Não fica só nisto a emenda da Ilha brava: esta Ilha na Carta de Mr. d'Aprés he comprida, e lançada do Noroeste ao Sueste, e rodeada de perigos, sendo ella quasi redonda, e o maior comprimento do Norte ao Sul, e livre de perigos: pois só tem os Ilheos chamados de cima, e de baixo, como se vê na minha Carta; e estes mesmos não são cercados de perigos, e só tem algumas restingas de arêa com pouco fundo. Em quanto aos meios de que me servi para tirar a planta desta Ilha, são mais que sufficientes para o uso da Navegação: e até me atrevo presentemente a propôr hum bom premio para os que repugnárão os ditos meios, se me mostrarem outro methodo mais exacto, e mais simples, usando dos mesmos aprestimos, e em iguaes circumstancias: eu os omitto aqui por me livrar de maior despeza.2 Mas posso affirmar que se eu podesse tirar a planta das outras Ilhas, como tirei a desta, a minha Carta seria huma das mais exactas.
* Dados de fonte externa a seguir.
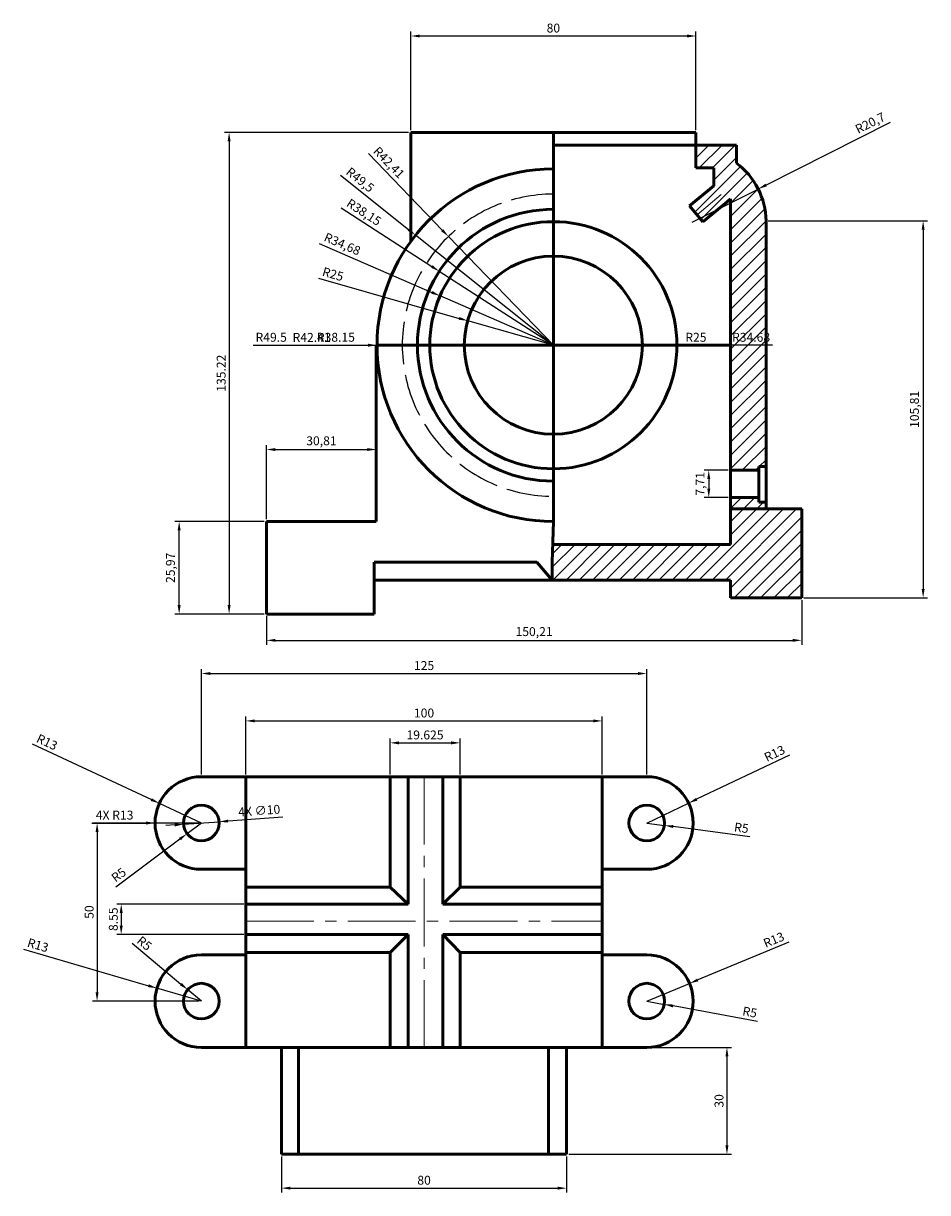
# Model space of a CAD drawing. Units: millimetres. Extents: x 1140 to 1880, y 1480 to 1815.
# Tile 3 of 3: x 1626 to 1880, y 1487 to 1815. Entities that reach past the tile are written whole.
import ezdxf

# ---------------------------------------------------------------- set-up
doc = ezdxf.new("R2010")
doc.units = ezdxf.units.MM
doc.linetypes.add('ACAD_ISO02W100', pattern=[15, 12, -3])
doc.linetypes.add('CENTER2', pattern=[28.575, 19.05, -3.175, 3.175, -3.175])
for name, color, linetype, lineweight in [('M-CNTR', 1, 'CENTER2', 18), ('M-DIMS', 2, 'Continuous', 25), ('M-HATC', 8, 'Continuous', 18), ('M-HIDN', 6, 'ACAD_ISO02W100', 25), ('M-OUTL', 7, 'Continuous', 50)]:
    doc.layers.add(name, color=color, linetype=linetype, lineweight=lineweight)
doc.styles.get("Standard").update_dxf_attribs({"font": 'arial.ttf'})
doc.dimstyles.new('ISO-25', dxfattribs={"dimtxt": 2.5, "dimasz": 2.5, "dimexe": 1.25, "dimexo": 0.625, "dimtad": 1, "dimtxsty": 'Standard', "dimcen": 2.5, "dimadec": 0, "dimazin": 0, "dimtfac": 1, "dimtmove": 0, "dimatfit": 3, "dimfxl": 1, "dimarcsym": 0})

# ---------------------------------------------------------------- blocks, each defined once
blk = doc.blocks.new('*D58')
at = {"layer": 'Defpoints', "color": 0, "transparency": 16777216}
for p in [(1788.55, 1619.58), (1688.55, 1603.92), (1788.55, 1603.92)]:
    blk.add_point(p, dxfattribs=at)
at = {"layer": 'M-DIMS', "color": 0, "lineweight": -2, "transparency": 16777216}
for p, q in [((1688.55, 1604.54), (1688.55, 1620.83)), ((1691.05, 1619.58), (1786.05, 1619.58)), ((1788.55, 1604.54), (1788.55, 1620.83))]:
    blk.add_line(p, q, dxfattribs=at)
at = {"layer": 'M-DIMS', "color": 0, "transparency": 16777216}
for points in [[(1691.05, 1620), (1691.05, 1619.16), (1688.55, 1619.58)], [(1786.05, 1620), (1786.05, 1619.16), (1788.55, 1619.58)]]:
    blk.add_solid(points, dxfattribs=at)
at = {"layer": 'M-DIMS', "color": 0, "transparency": 16777216, "insert": (1738.55, 1621.48), "char_height": 2.5, "attachment_point": 5}
blk.add_mtext('100', dxfattribs=at)
blk = doc.blocks.new('*D59')
at = {"layer": 'Defpoints', "color": 0, "transparency": 16777216}
for p in [(1801.05, 1632.89), (1676.05, 1603.92), (1801.05, 1603.92)]:
    blk.add_point(p, dxfattribs=at)
at = {"layer": 'M-DIMS', "color": 0, "lineweight": -2, "transparency": 16777216}
for p, q in [((1676.05, 1604.54), (1676.05, 1634.14)), ((1678.55, 1632.89), (1798.55, 1632.89)), ((1801.05, 1604.54), (1801.05, 1634.14))]:
    blk.add_line(p, q, dxfattribs=at)
at = {"layer": 'M-DIMS', "color": 0, "transparency": 16777216}
for points in [[(1678.55, 1633.3), (1678.55, 1632.47), (1676.05, 1632.89)], [(1798.55, 1633.3), (1798.55, 1632.47), (1801.05, 1632.89)]]:
    blk.add_solid(points, dxfattribs=at)
at = {"layer": 'M-DIMS', "color": 0, "transparency": 16777216, "insert": (1738.55, 1634.79), "char_height": 2.5, "attachment_point": 5}
blk.add_mtext('125', dxfattribs=at)
blk = doc.blocks.new('*D60')
at = {"layer": 'Defpoints', "color": 0, "transparency": 16777216}
for p in [(1676.05, 1590.92), (1646.78, 1540.92), (1676.05, 1540.92)]:
    blk.add_point(p, dxfattribs=at)
at = {"layer": 'M-DIMS', "color": 0, "lineweight": -2, "transparency": 16777216}
for p, q in [((1675.42, 1590.92), (1645.53, 1590.92)), ((1646.78, 1588.42), (1646.78, 1543.42)), ((1675.42, 1540.92), (1645.53, 1540.92))]:
    blk.add_line(p, q, dxfattribs=at)
at = {"layer": 'M-DIMS', "color": 0, "transparency": 16777216}
for points in [[(1646.36, 1588.42), (1647.19, 1588.42), (1646.78, 1590.92)], [(1646.36, 1543.42), (1647.19, 1543.42), (1646.78, 1540.92)]]:
    blk.add_solid(points, dxfattribs=at)
at = {"layer": 'M-DIMS', "color": 0, "transparency": 16777216, "insert": (1644.88, 1565.92), "char_height": 2.5, "attachment_point": 5, "rotation": 90}
blk.add_mtext('50', dxfattribs=at)
blk = doc.blocks.new('*D61')
at = {"layer": 'Defpoints', "color": 0, "transparency": 16777216}
for p in [(1812.79, 1596.5), (1801.05, 1590.92)]:
    blk.add_point(p, dxfattribs=at)
at = {"layer": 'M-DIMS', "color": 0, "lineweight": -2, "transparency": 16777216}
for p, q in [((1841.13, 1609.99), (1815.05, 1597.58)), ((1801.05, 1590.92), (1812.79, 1596.5))]:
    blk.add_line(p, q, dxfattribs=at)
at = {"layer": 'M-DIMS', "color": 0, "transparency": 16777216}
blk.add_solid([(1814.87, 1597.95), (1815.22, 1597.2), (1812.79, 1596.5)], dxfattribs=at)
at = {"layer": 'M-DIMS', "color": 0, "transparency": 16777216, "insert": (1837.05, 1610.16), "char_height": 2.5, "attachment_point": 5, "rotation": 25.4449}
blk.add_mtext('R13', dxfattribs=at)
blk = doc.blocks.new('*D62')
at = {"layer": 'Defpoints', "color": 0, "transparency": 16777216}
for p in [(1813.05, 1545.91), (1801.05, 1540.92)]:
    blk.add_point(p, dxfattribs=at)
at = {"layer": 'M-DIMS', "color": 0, "lineweight": -2, "transparency": 16777216}
for p, q in [((1840.89, 1557.47), (1815.36, 1546.87)), ((1801.05, 1540.92), (1813.05, 1545.91))]:
    blk.add_line(p, q, dxfattribs=at)
at = {"layer": 'M-DIMS', "color": 0, "transparency": 16777216}
blk.add_solid([(1815.2, 1547.25), (1815.52, 1546.48), (1813.05, 1545.91)], dxfattribs=at)
at = {"layer": 'M-DIMS', "color": 0, "transparency": 16777216, "insert": (1836.82, 1557.84), "char_height": 2.5, "attachment_point": 5, "rotation": 22.5655}
blk.add_mtext('R13', dxfattribs=at)
blk = doc.blocks.new('*D63')
at = {"layer": 'Defpoints', "color": 0, "transparency": 16777216}
for p in [(1663.57, 1544.56), (1676.05, 1540.92)]:
    blk.add_point(p, dxfattribs=at)
at = {"layer": 'M-DIMS', "color": 0, "lineweight": -2, "transparency": 16777216}
for p, q in [((1626.09, 1555.5), (1661.17, 1545.26)), ((1676.05, 1540.92), (1663.57, 1544.56))]:
    blk.add_line(p, q, dxfattribs=at)
at = {"layer": 'M-DIMS', "color": 0, "transparency": 16777216}
blk.add_solid([(1661.29, 1545.66), (1661.05, 1544.86), (1663.57, 1544.56)], dxfattribs=at)
at = {"layer": 'M-DIMS', "color": 0, "transparency": 16777216, "insert": (1630.09, 1556.32), "char_height": 2.5, "attachment_point": 5, "rotation": 343.7247}
blk.add_mtext('R13', dxfattribs=at)
blk = doc.blocks.new('*D64')
at = {"layer": 'Defpoints', "color": 0, "transparency": 16777216}
for p in [(1664.28, 1596.43), (1676.05, 1590.92)]:
    blk.add_point(p, dxfattribs=at)
at = {"layer": 'M-DIMS', "color": 0, "lineweight": -2, "transparency": 16777216}
for p, q in [((1628.53, 1613.16), (1662.01, 1597.49)), ((1676.05, 1590.92), (1664.28, 1596.43))]:
    blk.add_line(p, q, dxfattribs=at)
at = {"layer": 'M-DIMS', "color": 0, "transparency": 16777216}
blk.add_solid([(1662.19, 1597.87), (1661.83, 1597.11), (1664.28, 1596.43)], dxfattribs=at)
at = {"layer": 'M-DIMS', "color": 0, "transparency": 16777216, "insert": (1632.6, 1613.35), "char_height": 2.5, "attachment_point": 5, "rotation": 334.9186}
blk.add_mtext('R13', dxfattribs=at)
blk = doc.blocks.new('*D65')
at = {"layer": 'Defpoints', "color": 0, "transparency": 16777216}
for p in [(1676.05, 1590.92), (1672.04, 1587.93)]:
    blk.add_point(p, dxfattribs=at)
at = {"layer": 'M-DIMS', "color": 0, "lineweight": -2, "transparency": 16777216}
for p, q in [((1676.05, 1590.92), (1672.04, 1587.93)), ((1652.04, 1573.02), (1670.04, 1586.44))]:
    blk.add_line(p, q, dxfattribs=at)
at = {"layer": 'M-DIMS', "color": 0, "transparency": 16777216}
blk.add_solid([(1669.79, 1586.77), (1670.29, 1586.1), (1672.04, 1587.93)], dxfattribs=at)
at = {"layer": 'M-DIMS', "color": 0, "transparency": 16777216, "insert": (1653.03, 1576.12), "char_height": 2.5, "attachment_point": 5, "rotation": 36.7054}
blk.add_mtext('R5', dxfattribs=at)
blk = doc.blocks.new('*D66')
at = {"layer": 'Defpoints', "color": 0, "transparency": 16777216}
for p in [(1672.21, 1544.12), (1676.05, 1540.92)]:
    blk.add_point(p, dxfattribs=at)
at = {"layer": 'M-DIMS', "color": 0, "lineweight": -2, "transparency": 16777216}
for p, q in [((1656.6, 1557.15), (1670.29, 1545.72)), ((1676.05, 1540.92), (1672.21, 1544.12))]:
    blk.add_line(p, q, dxfattribs=at)
at = {"layer": 'M-DIMS', "color": 0, "transparency": 16777216}
blk.add_solid([(1670.56, 1546.04), (1670.02, 1545.4), (1672.21, 1544.12)], dxfattribs=at)
at = {"layer": 'M-DIMS', "color": 0, "transparency": 16777216, "insert": (1659.85, 1556.9), "char_height": 2.5, "attachment_point": 5, "rotation": 320.1593}
blk.add_mtext('R5', dxfattribs=at)
blk = doc.blocks.new('*D67')
at = {"layer": 'Defpoints', "color": 0, "transparency": 16777216}
for p in [(1801.05, 1590.92), (1806, 1590.25)]:
    blk.add_point(p, dxfattribs=at)
at = {"layer": 'M-DIMS', "color": 0, "lineweight": -2, "transparency": 16777216}
for p, q in [((1801.05, 1590.92), (1806, 1590.25)), ((1829.95, 1587.02), (1808.48, 1589.92))]:
    blk.add_line(p, q, dxfattribs=at)
at = {"layer": 'M-DIMS', "color": 0, "transparency": 16777216}
blk.add_solid([(1808.54, 1590.33), (1808.43, 1589.5), (1806, 1590.25)], dxfattribs=at)
at = {"layer": 'M-DIMS', "color": 0, "transparency": 16777216, "insert": (1827.58, 1589.25), "char_height": 2.5, "attachment_point": 5, "rotation": 352.3088}
blk.add_mtext('R5', dxfattribs=at)
blk = doc.blocks.new('*D68')
at = {"layer": 'Defpoints', "color": 0, "transparency": 16777216}
for p in [(1801.05, 1540.92), (1805.97, 1540.01)]:
    blk.add_point(p, dxfattribs=at)
at = {"layer": 'M-DIMS', "color": 0, "lineweight": -2, "transparency": 16777216}
for p, q in [((1801.05, 1540.92), (1805.97, 1540.01)), ((1832.17, 1535.18), (1808.42, 1539.56))]:
    blk.add_line(p, q, dxfattribs=at)
at = {"layer": 'M-DIMS', "color": 0, "transparency": 16777216}
blk.add_solid([(1808.5, 1539.97), (1808.35, 1539.15), (1805.97, 1540.01)], dxfattribs=at)
at = {"layer": 'M-DIMS', "color": 0, "transparency": 16777216, "insert": (1829.91, 1537.52), "char_height": 2.5, "attachment_point": 5, "rotation": 349.5456}
blk.add_mtext('R5', dxfattribs=at)
blk = doc.blocks.new('*D69')
at = {"layer": 'Defpoints', "color": 0, "transparency": 16777216}
for p in [(1844.54, 1654.13), (1694.33, 1649.58), (1844.54, 1642.2)]:
    blk.add_point(p, dxfattribs=at)
at = {"layer": 'M-DIMS', "color": 0, "lineweight": -2, "transparency": 16777216}
for p, q in [((1844.54, 1653.5), (1844.54, 1640.95)), ((1694.33, 1648.95), (1694.33, 1640.95)), ((1696.83, 1642.2), (1842.04, 1642.2))]:
    blk.add_line(p, q, dxfattribs=at)
at = {"layer": 'M-DIMS', "color": 0, "transparency": 16777216}
for points in [[(1696.83, 1642.62), (1696.83, 1641.79), (1694.33, 1642.2)], [(1842.04, 1642.62), (1842.04, 1641.79), (1844.54, 1642.2)]]:
    blk.add_solid(points, dxfattribs=at)
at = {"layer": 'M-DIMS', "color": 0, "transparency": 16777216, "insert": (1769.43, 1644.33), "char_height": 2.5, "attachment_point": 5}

E em quanto ás outras, que tambem emendei, servi-me dos meios, de que se servem todos os Navegadores, andando á véla: e talvez os Mathematicos, que notárão a minha Carta por menos exacta, que a de d'Aprés, não fizessem com huns poucos de mil cruzados de despeza, o que eu fiz por patriotismo, e curiosidade (e a experiencia o tem mostrado): o Leitor Sabio dirá, sendo isto assim, como na verdade o he; porque senão hão de louvar os trabalhos, que varios homens de genio offerecem gratuitamente? eu lhe respondo sem talvez me enganar muito; porque algumas vezes succede dar-se o premio ao que critíca huma Obra, em lugar de dar-se ao que a fez sem tenção de interesse, e como he incomparavelmente mais facil dizer mal de huma Obra, do que fazer outra tão boa, ou melhor, sempre ha de ser muito maior o número dos zoilos, do que o dos homens úteis: mas vamos ao nosso objecto.

Tem visto o Leitor, que a Ilha brava pintada na minha Carta, he a bem dizer huma nova Ilha comparada com a que vem na Carta de d'Aprés; sem que por isto se diminua o crédito de d'Aprés, pois elle nunca foi a tal Ilha, e só a veria de longe, bem como Mr. Fleurieu , e Verdum; cujos Navegadores forão tão sómente á Villa da praia na Ilha de S. Tiago.